Electoral State Stackers

Electoral State Stackers

Electoral State Stackers 2016 1512 mathgrrl

I haven’t been stress-printing before the election, YOU have. Well, maybe you will after this post, at least. Fire up your 3D printer(s) because there are dozens of things you need to print before Tuesday :)

In the photo below there are 3D prints of each of the 50 states (and DC, which has 3 electoral votes), sized to each have approximately the same area, with heights determined by number of electoral votes. The blue states lean strongly Biden, and the silver pole measures out the target 270 electoral votes. It’s a tall stack, I’m just saying. A tall stack is nice. Focus on that. Try to breathe.

After I printed all that, my son suggested that he would like the states better if they had holes in the middle so they could be stacked on posts, and he was completely right — that would be much better. Dammit!

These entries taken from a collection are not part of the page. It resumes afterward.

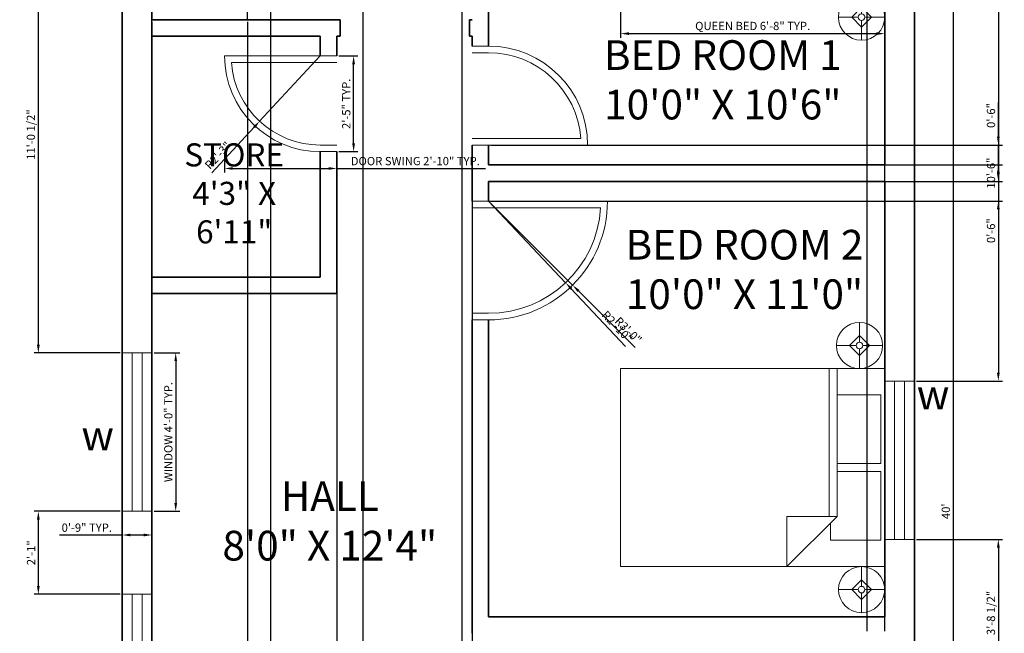
# Model space of a CAD drawing. Units: inches. Extents: x 3796 to 4094, y 4410 to 4948.
# Tile 2 of 3: x 3796 to 4094, y 4640 to 4826. Entities that reach past the tile are written whole.
import ezdxf

# ---------------------------------------------------------------- set-up
doc = ezdxf.new("R2010")
doc.units = ezdxf.units.IN
for name, color, linetype, lineweight in [('A-ANNO-DIMS', 2, 'Continuous', 18), ('A-ANNO-TEXT', 7, 'Continuous', 18), ('A-AREA-IDEN', 7, 'Continuous', 25), ('A-DOOR', 3, 'Continuous', 18), ('A-FLOR-CASE', 8, 'Continuous', 25), ('A-FURN', 8, 'Continuous', 18), ('A-GLAZ', 4, 'Continuous', 18), ('A-WALL', 7, 'Continuous', 35)]:
    doc.layers.add(name, color=color, linetype=linetype, lineweight=lineweight)
doc.styles.get("Standard").update_dxf_attribs({"font": 'arial.ttf'})
doc.dimstyles.new('ISO-25', dxfattribs={"dimtxt": 2.5, "dimasz": 2.5, "dimexe": 1.25, "dimexo": 0.625, "dimtad": 1, "dimdec": 0, "dimlunit": 3, "dimtxsty": 'Standard', "dimcen": 2.5, "dimadec": 0, "dimazin": 0, "dimtfac": 1, "dimtdec": 0, "dimtmove": 0, "dimatfit": 3, "dimfxl": 1, "dimarcsym": 0})

# ---------------------------------------------------------------- blocks, each defined once
blk = doc.blocks.new('*D2')
at = {"layer": 'A-ANNO-DIMS', "color": 0, "lineweight": -2, "transparency": 16777216}
for p, q in [((4067.39, 4916.55), (4079.78, 4916.55)), ((4078.53, 4914.05), (4078.53, 4439.05)), ((4067.39, 4436.55), (4079.78, 4436.55))]:
    blk.add_line(p, q, dxfattribs=at)
at = {"layer": 'A-ANNO-DIMS', "color": 0, "transparency": 16777216}
for points in [[(4078.11, 4914.05), (4078.94, 4914.05), (4078.53, 4916.55)], [(4078.11, 4439.05), (4078.94, 4439.05), (4078.53, 4436.55)]]:
    blk.add_solid(points, dxfattribs=at)
at = {"layer": 'Defpoints', "color": 0, "transparency": 16777216}
for p in [(4066.76, 4916.55), (4066.76, 4436.55), (4078.53, 4436.55)]:
    blk.add_point(p, dxfattribs=at)
at = {"layer": 'A-ANNO-DIMS', "color": 0, "transparency": 16777216, "insert": (4076.62, 4676.55), "char_height": 2.5, "attachment_point": 5, "rotation": 90}
blk.add_mtext("40'", dxfattribs=at)
blk = doc.blocks.new('Lamp - Table')
for p, q in [((0, 7), (0, 1)), ((0, 3), (-3, 0)), ((3, 0), (0, 3)), ((-1, 0), (-7, 0)), ((-3, 0), (0, -3)), ((0, -3), (3, 0)), ((1, 0), (7, 0)), ((0, -1), (0, -7))]:
    blk.add_line(p, q)
for radius in [7, 1]:
    blk.add_circle((0, 0), radius)
blk = doc.blocks.new('Bed - Queen')
for p, q in [((0, -80.00003), (0, 0)), ((0, 0), (59.99999, 0)), ((59.99999, 0), (59.99999, -80.00003)), ((7.99999, -1.2), (28.79998, -1.2)), ((7.99999, -14.4), (7.99999, -1.2)), ((28.79998, -1.2), (28.79998, -14.4)), ((31.19999, -1.2), (51.99999, -1.2)), ((31.19999, -14.4), (31.19999, -1.2)), ((51.99999, -1.2), (51.99999, -16.4)), ((0, -14.4), (44.8, -14.4)), ((59.99999, -29.6), (44.8, -14.4)), ((44.8, -14.4), (44.8, -29.6)), ((44.8, -16.8), (0, -16.8)), ((51.99999, -16.4), (46.79936, -16.4)), ((44.8, -29.6), (59.99999, -29.6)), ((59.99999, -80.00003), (0, -80.00003))]:
    blk.add_line(p, q)
blk = doc.blocks.new('WIN-48IN')
for p, q in [((0, 48), (0, 0)), ((9, 48), (0, 48)), ((3, 48), (3, 0)), ((6, 0), (6, 48)), ((9, 0), (9, 48)), ((0, 0), (9, 0))]:
    blk.add_line(p, q)
blk = doc.blocks.new('DOOR-SWING-29IN')
for p, q in [((0, 0), (-29, 0)), ((0, 0), (5, 0)), ((0, -2), (-26.93, -2)), ((0, -2), (5, -2)), ((5, -27), (0, -27)), ((5, -29), (0, -29))]:
    blk.add_line(p, q)
for radius, start in [(29, 180), (27, 184.248)]:
    blk.add_arc((0, 0), radius, start, 270)
blk = doc.blocks.new('*D11')
at = {"layer": 'A-ANNO-DIMS', "color": 0, "lineweight": -2, "transparency": 16777216}
for p, q in [((3836.39, 4724.55), (3844.21, 4724.55)), ((3842.96, 4722.05), (3842.96, 4679.05)), ((3836.39, 4676.55), (3844.21, 4676.55))]:
    blk.add_line(p, q, dxfattribs=at)
at = {"layer": 'A-ANNO-DIMS', "color": 0, "transparency": 16777216}
for points in [[(3842.55, 4722.05), (3843.38, 4722.05), (3842.96, 4724.55)], [(3842.55, 4679.05), (3843.38, 4679.05), (3842.96, 4676.55)]]:
    blk.add_solid(points, dxfattribs=at)
at = {"layer": 'Defpoints', "color": 0, "transparency": 16777216}
for p in [(3835.76, 4724.55), (3835.76, 4676.55), (3842.96, 4676.55)]:
    blk.add_point(p, dxfattribs=at)
at = {"layer": 'A-ANNO-DIMS', "color": 0, "transparency": 16777216, "insert": (3841.05, 4700.55), "char_height": 2.5, "attachment_point": 5, "rotation": 90}
blk.add_mtext('WINDOW 4\'-0" TYP.', dxfattribs=at)
blk = doc.blocks.new('*D12')
at = {"layer": 'A-ANNO-DIMS', "color": 0, "lineweight": -2, "transparency": 16777216}
for p, q in [((3826.76, 4675.93), (3826.76, 4668.1)), ((3835.76, 4675.93), (3835.76, 4668.1)), ((3826.76, 4669.35), (3807.78, 4669.35)), ((3833.26, 4669.35), (3829.26, 4669.35))]:
    blk.add_line(p, q, dxfattribs=at)
at = {"layer": 'A-ANNO-DIMS', "color": 0, "transparency": 16777216}
for points in [[(3829.26, 4669.77), (3829.26, 4668.94), (3826.76, 4669.35)], [(3833.26, 4669.77), (3833.26, 4668.94), (3835.76, 4669.35)]]:
    blk.add_solid(points, dxfattribs=at)
at = {"layer": 'Defpoints', "color": 0, "transparency": 16777216}
for p in [(3826.76, 4676.55), (3835.76, 4676.55), (3826.76, 4669.35)]:
    blk.add_point(p, dxfattribs=at)
at = {"layer": 'A-ANNO-DIMS', "color": 0, "transparency": 16777216, "insert": (3816.02, 4671.25), "char_height": 2.5, "attachment_point": 5}
blk.add_mtext('0\'-9" TYP.', dxfattribs=at)
blk = doc.blocks.new('*D15')
at = {"layer": 'A-ANNO-DIMS', "color": 0, "lineweight": -2, "transparency": 16777216}
for p, q in [((3977.76, 4832.71), (3977.76, 4820.08)), ((4057.76, 4832.71), (4057.76, 4820.08)), ((3980.26, 4821.33), (4055.26, 4821.33))]:
    blk.add_line(p, q, dxfattribs=at)
at = {"layer": 'A-ANNO-DIMS', "color": 0, "transparency": 16777216}
for points in [[(3980.26, 4821.75), (3980.26, 4820.92), (3977.76, 4821.33)], [(4055.26, 4821.75), (4055.26, 4820.92), (4057.76, 4821.33)]]:
    blk.add_solid(points, dxfattribs=at)
at = {"layer": 'Defpoints', "color": 0, "transparency": 16777216}
for p in [(3977.76, 4833.33), (4057.76, 4833.33), (4057.76, 4821.33)]:
    blk.add_point(p, dxfattribs=at)
at = {"layer": 'A-ANNO-DIMS', "color": 0, "transparency": 16777216, "insert": (4017.76, 4823.33), "char_height": 2.5, "attachment_point": 5}
blk.add_mtext('QUEEN BED 6\'-8" TYP.', dxfattribs=at)
blk = doc.blocks.new('*D19')
at = {"layer": 'A-ANNO-DIMS', "color": 0, "lineweight": -2, "transparency": 16777216}
for p, q in [((3857.76, 4784.93), (3857.76, 4779.2)), ((3891.76, 4784.93), (3891.76, 4779.2)), ((3860.26, 4780.45), (3889.26, 4780.45)), ((3891.76, 4780.45), (3936.82, 4780.45))]:
    blk.add_line(p, q, dxfattribs=at)
at = {"layer": 'A-ANNO-DIMS', "color": 0, "transparency": 16777216}
for points in [[(3860.26, 4780.87), (3860.26, 4780.04), (3857.76, 4780.45)], [(3889.26, 4780.87), (3889.26, 4780.04), (3891.76, 4780.45)]]:
    blk.add_solid(points, dxfattribs=at)
at = {"layer": 'Defpoints', "color": 0, "transparency": 16777216}
for p in [(3857.76, 4785.55), (3891.76, 4785.55), (3891.76, 4780.45)]:
    blk.add_point(p, dxfattribs=at)
at = {"layer": 'A-ANNO-DIMS', "color": 0, "transparency": 16777216, "insert": (3915.54, 4782.37), "char_height": 2.5, "attachment_point": 5}
blk.add_mtext('DOOR SWING 2\'-10" TYP.', dxfattribs=at)
blk = doc.blocks.new('*D20')
at = {"layer": 'A-ANNO-DIMS', "color": 0, "lineweight": -2, "transparency": 16777216}
for p, q in [((3892.39, 4814.55), (3898.11, 4814.55)), ((3896.86, 4788.05), (3896.86, 4812.05)), ((3892.39, 4785.55), (3898.11, 4785.55))]:
    blk.add_line(p, q, dxfattribs=at)
at = {"layer": 'A-ANNO-DIMS', "color": 0, "transparency": 16777216}
for points in [[(3896.45, 4812.05), (3897.28, 4812.05), (3896.86, 4814.55)], [(3896.45, 4788.05), (3897.28, 4788.05), (3896.86, 4785.55)]]:
    blk.add_solid(points, dxfattribs=at)
at = {"layer": 'Defpoints', "color": 0, "transparency": 16777216}
for p in [(3891.76, 4814.55), (3896.86, 4814.55), (3891.76, 4785.55)]:
    blk.add_point(p, dxfattribs=at)
at = {"layer": 'A-ANNO-DIMS', "color": 0, "transparency": 16777216, "insert": (3894.96, 4800.05), "char_height": 2.5, "attachment_point": 5, "rotation": 90}
blk.add_mtext('2\'-5" TYP.', dxfattribs=at)
blk = doc.blocks.new('*D31')
at = {"layer": 'A-ANNO-DIMS', "color": 0, "lineweight": -2, "transparency": 16777216}
for p, q in [((3835.76, 4482.18), (3835.76, 4943.23)), ((3871.76, 4490.18), (3871.76, 4943.23)), ((3838.26, 4941.98), (3869.26, 4941.98))]:
    blk.add_line(p, q, dxfattribs=at)
at = {"layer": 'A-ANNO-DIMS', "color": 0, "transparency": 16777216}
for points in [[(3838.26, 4942.39), (3838.26, 4941.56), (3835.76, 4941.98)], [(3869.26, 4942.39), (3869.26, 4941.56), (3871.76, 4941.98)]]:
    blk.add_solid(points, dxfattribs=at)
at = {"layer": 'Defpoints', "color": 0, "transparency": 16777216}
for p in [(3871.76, 4941.98), (3871.76, 4489.55), (3835.76, 4481.55)]:
    blk.add_point(p, dxfattribs=at)
at = {"layer": 'A-ANNO-DIMS', "color": 0, "transparency": 16777216, "insert": (3853.76, 4943.88), "char_height": 2.5, "attachment_point": 5}
blk.add_mtext('3\'-0"', dxfattribs=at)
blk = doc.blocks.new('*D34')
at = {"layer": 'A-ANNO-DIMS', "color": 0, "lineweight": -2, "transparency": 16777216}
for p, q in [((3899.76, 4580.18), (3899.76, 4943.23)), ((3929.76, 4580.18), (3929.76, 4943.23)), ((3902.26, 4941.98), (3927.26, 4941.98))]:
    blk.add_line(p, q, dxfattribs=at)
at = {"layer": 'A-ANNO-DIMS', "color": 0, "transparency": 16777216}
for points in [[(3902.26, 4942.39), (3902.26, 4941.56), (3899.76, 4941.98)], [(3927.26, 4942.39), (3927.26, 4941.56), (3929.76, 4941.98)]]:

We decided to use pencils for the posts because 3D printed long, thin rods can break very easily. Plus, the pencils look cool. These models are half the height of the ones above, so that they can fit on the pencils. We also printed some donkey and elephant bases, and a little measuring stick that corresponds to the desired 270 electoral votes (you can see it in the back behind the blue states).

Electoral votes by *volume*

These models give the first volumetrically accurate representation of each state’s electoral votes that I am aware of. We’ve all seen that 3D map of the U.S. where each state is given the height of its electoral votes, but that still doesn’t take into account the fact that different states with the same number of electoral votes could differ in land area, and thus still appear at different relative sizes.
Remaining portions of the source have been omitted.